My pants fall down.  Do you know how hard it is to buy new pants? I shop at the thrift store and they rarely have my size.


----------



## phony (Nov 28, 2012)

You forget to zip up your skinny jeans when you're in a rush to go out and then they fall outside the door because they're just too goddamn big and the neighbours can see your underwear :B


----------



## MatchaBlizzard (Sep 20, 2011)

It's harder to make yourself look big to scare away grizzly bears. 










This leads to your best friend being eaten by a bear.








Oh well, at least you lost some weight.


----------



## Treece (Feb 24, 2013)

peabrane said:


> Having to buy new bras. Do you have any idea how hard it is to find a bra that fits?


^^^^THIS, sooo much. It's annoying. 

1) Guys hit on you more but you're already with someone. 
Sidenote: I happen to like my boyfriend so I don't mind turning people down lol.

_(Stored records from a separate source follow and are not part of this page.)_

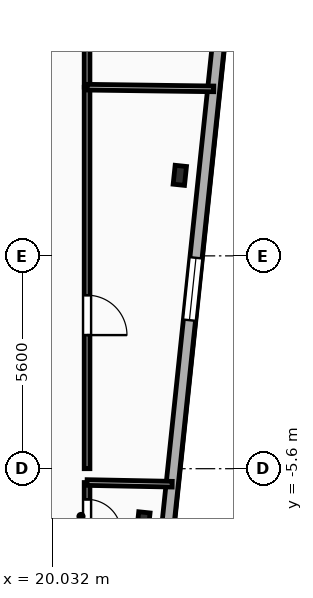
"""IFC4 building model, lengths in metres.
Left out: names, types, materials, properties, quantities, classifications, styles, units other than length and angle.
Written with IfcOpenShell. Run it as: python <this file> out.ifc"""

import sys

from ifc_helpers import new_model, si_unit, direction, frame, frame_2d, origin, origin_2d, place, context, subcontext, project, spatial, rectangle, i_section, extrude, element, fill, save


model = new_model("IFC4")
c1 = context("Model", 3, precision=1e-05, world=origin(), true_north=direction((0.0, 1.0)))
c2 = subcontext(c1, "Body", "Model", "MODEL_VIEW")
j1 = project(units=[si_unit("LENGTHUNIT", "METRE"), si_unit("PLANEANGLEUNIT", "RADIAN")], contexts=[c1])
p1 = place(None, origin())
s1 = spatial("IfcSite", under=j1, at=p1, CompositionType="ELEMENT")
p2 = place(p1, origin())
s2 = spatial("IfcBuilding", under=s1, at=p2, CompositionType="ELEMENT")
p3 = place(p2, frame((0.0, 0.0, 193.05)))
s3 = spatial("IfcBuildingStorey", under=s2, at=p3, CompositionType="ELEMENT", Elevation=193.05)
for number, where, z_axis, x_axis in (
    (1, (22.433, -6.998, 0.0), (0.0, 0.0, 1.0), (0.995, -0.105, 0.0)),
    (2, (23.391, 2.119, 0.0), (0.0, 0.0, 1.0), (0.995, -0.105, 0.0)),
):
    element("IfcColumn", number, at=place(p3, frame(where, z_axis=z_axis, x_axis=x_axis)), inside=s3, PredefinedType="COLUMN", context=c2, shape_type="SweptSolid", body=[
        extrude(i_section(OverallWidth=0.3, OverallDepth=0.5, WebThickness=0.014, FlangeThickness=0.028, FilletRadius=0.027, at=origin_2d()), origin(), (0.0, 0.0, 1.0), 3.35),
    ])
p4 = place(p3, frame((25.063, 11.814, 0.0), z_axis=(0.0, 0.0, 1.0), x_axis=(-0.104523275986, -0.99452244056, 0.0)))
e3 = element("IfcWall", 3, at=p4, inside=s3, PredefinedType="SOLIDWALL", context=c2, shape_type="SweptSolid", body=[
    extrude(rectangle(XDim=28.8, YDim=0.32, at=frame_2d((14.4, 0.0))), origin(), (0.0, 0.0, 1.0), 3.04),
])
p5 = place(p4, frame((3.186, 0.0, 0.85)))
e4 = element("IfcOpeningElement", 4, at=p5, cuts=e3, PredefinedType="OPENING", context=c2, shape_type="SweptSolid", body=[
    extrude(rectangle(XDim=1.65, YDim=1.85, at=frame_2d((0.825, 0.925))), frame((0.0, 0.17, 0.0), z_axis=(0.0, -1.0, 0.0), x_axis=(1.0, 0.0, 0.0)), (0.0, 0.0, 1.0), 0.34),
])
p6 = place(p4, frame((11.93, 0.0, 0.85)))
e5 = element("IfcOpeningElement", 5, at=p6, cuts=e3, PredefinedType="OPENING", context=c2, shape_type="SweptSolid", body=[
    extrude(rectangle(XDim=1.65, YDim=1.85, at=frame_2d((0.825, 0.925))), frame((0.0, 0.17, 0.0), z_axis=(0.0, -1.0, 0.0), x_axis=(1.0, 0.0, 0.0)), (0.0, 0.0, 1.0), 0.34),
])
p7 = place(p4, frame((22.359, 0.0, 0.85)))
e6 = element("IfcOpeningElement", 6, at=p7, cuts=e3, PredefinedType="OPENING", context=c2, shape_type="SweptSolid", body=[
    extrude(rectangle(XDim=1.65, YDim=1.85, at=frame_2d((0.825, 0.925))), frame((0.0, 0.17, 0.0), z_axis=(0.0, -1.0, 0.0), x_axis=(1.0, 0.0, 0.0)), (0.0, 0.0, 1.0), 0.34),
])
p8 = place(p3, frame((20.95, -5.964, 0.0), z_axis=(0.0, 0.0, 1.0), x_axis=(0.0, -1.0, 0.0)))
e7 = element("IfcWall", 7, at=p8, inside=s3, PredefinedType="PARTITIONING", context=c2, shape_type="SweptSolid", body=[
    extrude(rectangle(XDim=1.786, YDim=0.15, at=frame_2d((0.893, 0.0))), origin(), (0.0, 0.0, 1.0), 3.04),
])
p9 = place(p8, frame((0.443, 0.0, 0.0)))
e8 = element("IfcOpeningElement", 8, at=p9, cuts=e7, PredefinedType="OPENING", context=c2, shape_type="SweptSolid", body=[
    extrude(rectangle(XDim=0.9, YDim=2.1, at=frame_2d((0.45, 1.05))), frame((0.0, 0.085, 0.0), z_axis=(0.0, -1.0, 0.0), x_axis=(1.0, 0.0, 0.0)), (0.0, 0.0, 1.0), 0.17),
])
p10 = place(p3, frame((20.95, 4.438, 0.0), z_axis=(0.0, 0.0, 1.0), x_axis=(0.0, -1.0, 0.0)))
e9 = element("IfcWall", 9, at=p10, inside=s3, PredefinedType="PARTITIONING", context=c2, shape_type="SweptSolid", body=[
    extrude(rectangle(XDim=10.038, YDim=0.15, at=frame_2d((5.019, 0.0))), origin(), (0.0, 0.0, 1.0), 2.695),
])
p11 = place(p10, frame((5.472, 0.0, 0.0)))
e10 = element("IfcOpeningElement", 10, at=p11, cuts=e9, PredefinedType="OPENING", context=c2, shape_type="SweptSolid", body=[
    extrude(rectangle(XDim=1.05, YDim=2.15, at=frame_2d((0.525, 1.075))), frame((0.0, 0.085, 0.0), z_axis=(0.0, -1.0, 0.0), x_axis=(1.0, 0.0, 0.0)), (0.0, 0.0, 1.0), 0.17),
])
p12 = place(p3, frame((20.95, 8.5, 0.0), z_axis=(0.0, 0.0, 1.0), x_axis=(0.0, -1.0, 0.0)))
e11 = element("IfcWall", 11, at=p12, inside=s3, PredefinedType="PARTITIONING", context=c2, shape_type="SweptSolid", body=[
    extrude(rectangle(XDim=4.062, YDim=0.15, at=frame_2d((2.031, 0.0))), origin(), (0.0, 0.0, 1.0), 3.04),
])
p13 = place(p12, frame((0.812, 0.0, 0.0)))
e12 = element("IfcOpeningElement", 12, at=p13, cuts=e11, PredefinedType="OPENING", context=c2, shape_type="SweptSolid", body=[
    extrude(rectangle(XDim=1.05, YDim=2.15, at=frame_2d((0.525, 1.075))), frame((0.0, 0.085, 0.0), z_axis=(0.0, -1.0, 0.0), x_axis=(1.0, 0.0, 0.0)), (0.0, 0.0, 1.0), 0.17),
])
p14 = place(p3, frame((20.95, -5.964, 0.0), z_axis=(0.0, 0.0, 1.0), x_axis=(0.999809784752, -0.019503700029, 0.0)))
e13 = element("IfcWall", 13, at=p14, inside=s3, PredefinedType="PARTITIONING", context=c2, shape_type="SweptSolid", body=[
    extrude(rectangle(XDim=2.241, YDim=0.15, at=frame_2d((1.12, 0.0))), origin(), (0.0, 0.0, 1.0), 3.04),
])
p15 = place(p3, frame((20.95, 4.438, 0.0), z_axis=(0.0, 0.0, 1.0), x_axis=(0.999913116238, -0.013181804667, 0.0)))
e14 = element("IfcWall", 14, at=p15, inside=s3, PredefinedType="PARTITIONING", context=c2, shape_type="SweptSolid", body=[
    extrude(rectangle(XDim=3.334, YDim=0.15, at=frame_2d((1.667, 0.0))), origin(), (0.0, 0.0, 1.0), 3.04),
])
p16 = place(p6, origin())
e15 = element("IfcWindow", 15, at=p16, inside=s3, PartitioningType="SINGLE_PANEL", PredefinedType="WINDOW", context=c2, shape_type="SweptSolid", body=[
    extrude(rectangle(XDim=1.65, YDim=1.85, at=frame_2d((0.825, 0.925))), frame((0.0, 0.03, 0.0), z_axis=(0.0, -1.0, 0.0), x_axis=(1.0, 0.0, 0.0)), (0.0, 0.0, 1.0), 0.06),
])
fill(e5, e15)
p17 = place(p9, origin())
e16 = element("IfcDoor", 16, at=p17, inside=s3, OperationType="SINGLE_SWING_RIGHT", PredefinedType="DOOR", context=c2, shape_type="SweptSolid", body=[
    extrude(rectangle(XDim=0.9, YDim=2.1, at=frame_2d((0.45, 1.05))), frame((0.0, 0.025, 0.0), z_axis=(0.0, -1.0, 0.0), x_axis=(1.0, 0.0, 0.0)), (0.0, 0.0, 1.0), 0.05),
])
fill(e8, e16)
p18 = place(p11, origin())
e17 = element("IfcDoor", 17, at=p18, inside=s3, OperationType="SINGLE_SWING_RIGHT", PredefinedType="DOOR", context=c2, shape_type="SweptSolid", body=[
    extrude(rectangle(XDim=1.05, YDim=2.15, at=frame_2d((0.525, 1.075))), frame((0.0, 0.025, 0.0), z_axis=(0.0, -1.0, 0.0), x_axis=(1.0, 0.0, 0.0)), (0.0, 0.0, 1.0), 0.05),
])
fill(e10, e17)
save(model, sys.argv[1])

Not that I've had to though....

2) You just bought a cute/hot outfit and can't fit it anymore.

3) I now can't find clothes on the clearance rack in my size because I'm more "average" (at least that's how I see it)...guess I gotta lose some more lol.

4) People now make jokes about you being skinny, lol.


----------



## Fleetfoot (May 9, 2011)

1. If you lose too much weight or you're small in the first place people question if you eat enough. 
2. Pants fall down. Usually I just motivate myself when I shop to buy something a size under so then when I lose more weight I'll fit into it.


----------



## brittauzenne (Feb 8, 2013)

Devin87 said:


> I thought it'd be fun to write up some negatives about losing weight. Not like serious negatives that would convince people not to do it (though I don't think there are too many of those), but just some things that people don't really think of that, if you've lost a significant amount of weight, you get a funny sort of "never thought of that before" thrill when you experience.
> 
> -- My underwear is too big. I just realized I put my boxers on backwards and they've been like that for hours and I didn't even realize it until I needed to pee because they're just so baggy I didn't notice the difference in the way they're sitting. And I feel like I have a parachute billowing out of the top of my pants sometimes cuz there's just so much extra material.
> 
> ...


My grandma doesn't think that shes attractive when she's too skinny, so shell actually try to keep weight on...i dont get it, but thats how she is. Thats one for ya.


----------



## SwordsmanBudo (Nov 19, 2012)

You can actually lose muscle mass if you are not careful when dropping weight. Ran into this problem when I first started dieting and working out and didn't really know much about what I was doing.


----------



## Raichu (Aug 24, 2012)

being skinnier (combined with being 5'1" i guess ) makes people always wanna pick me up. >.<
"omg you're so tiny i bet i could just pick you up!!"
"um please don't -__- believe it or not, i am still a grown woman despite my size."
seriously like nobody wanted to pick me up when i was chubby... what makes them think that's suddenly okay now?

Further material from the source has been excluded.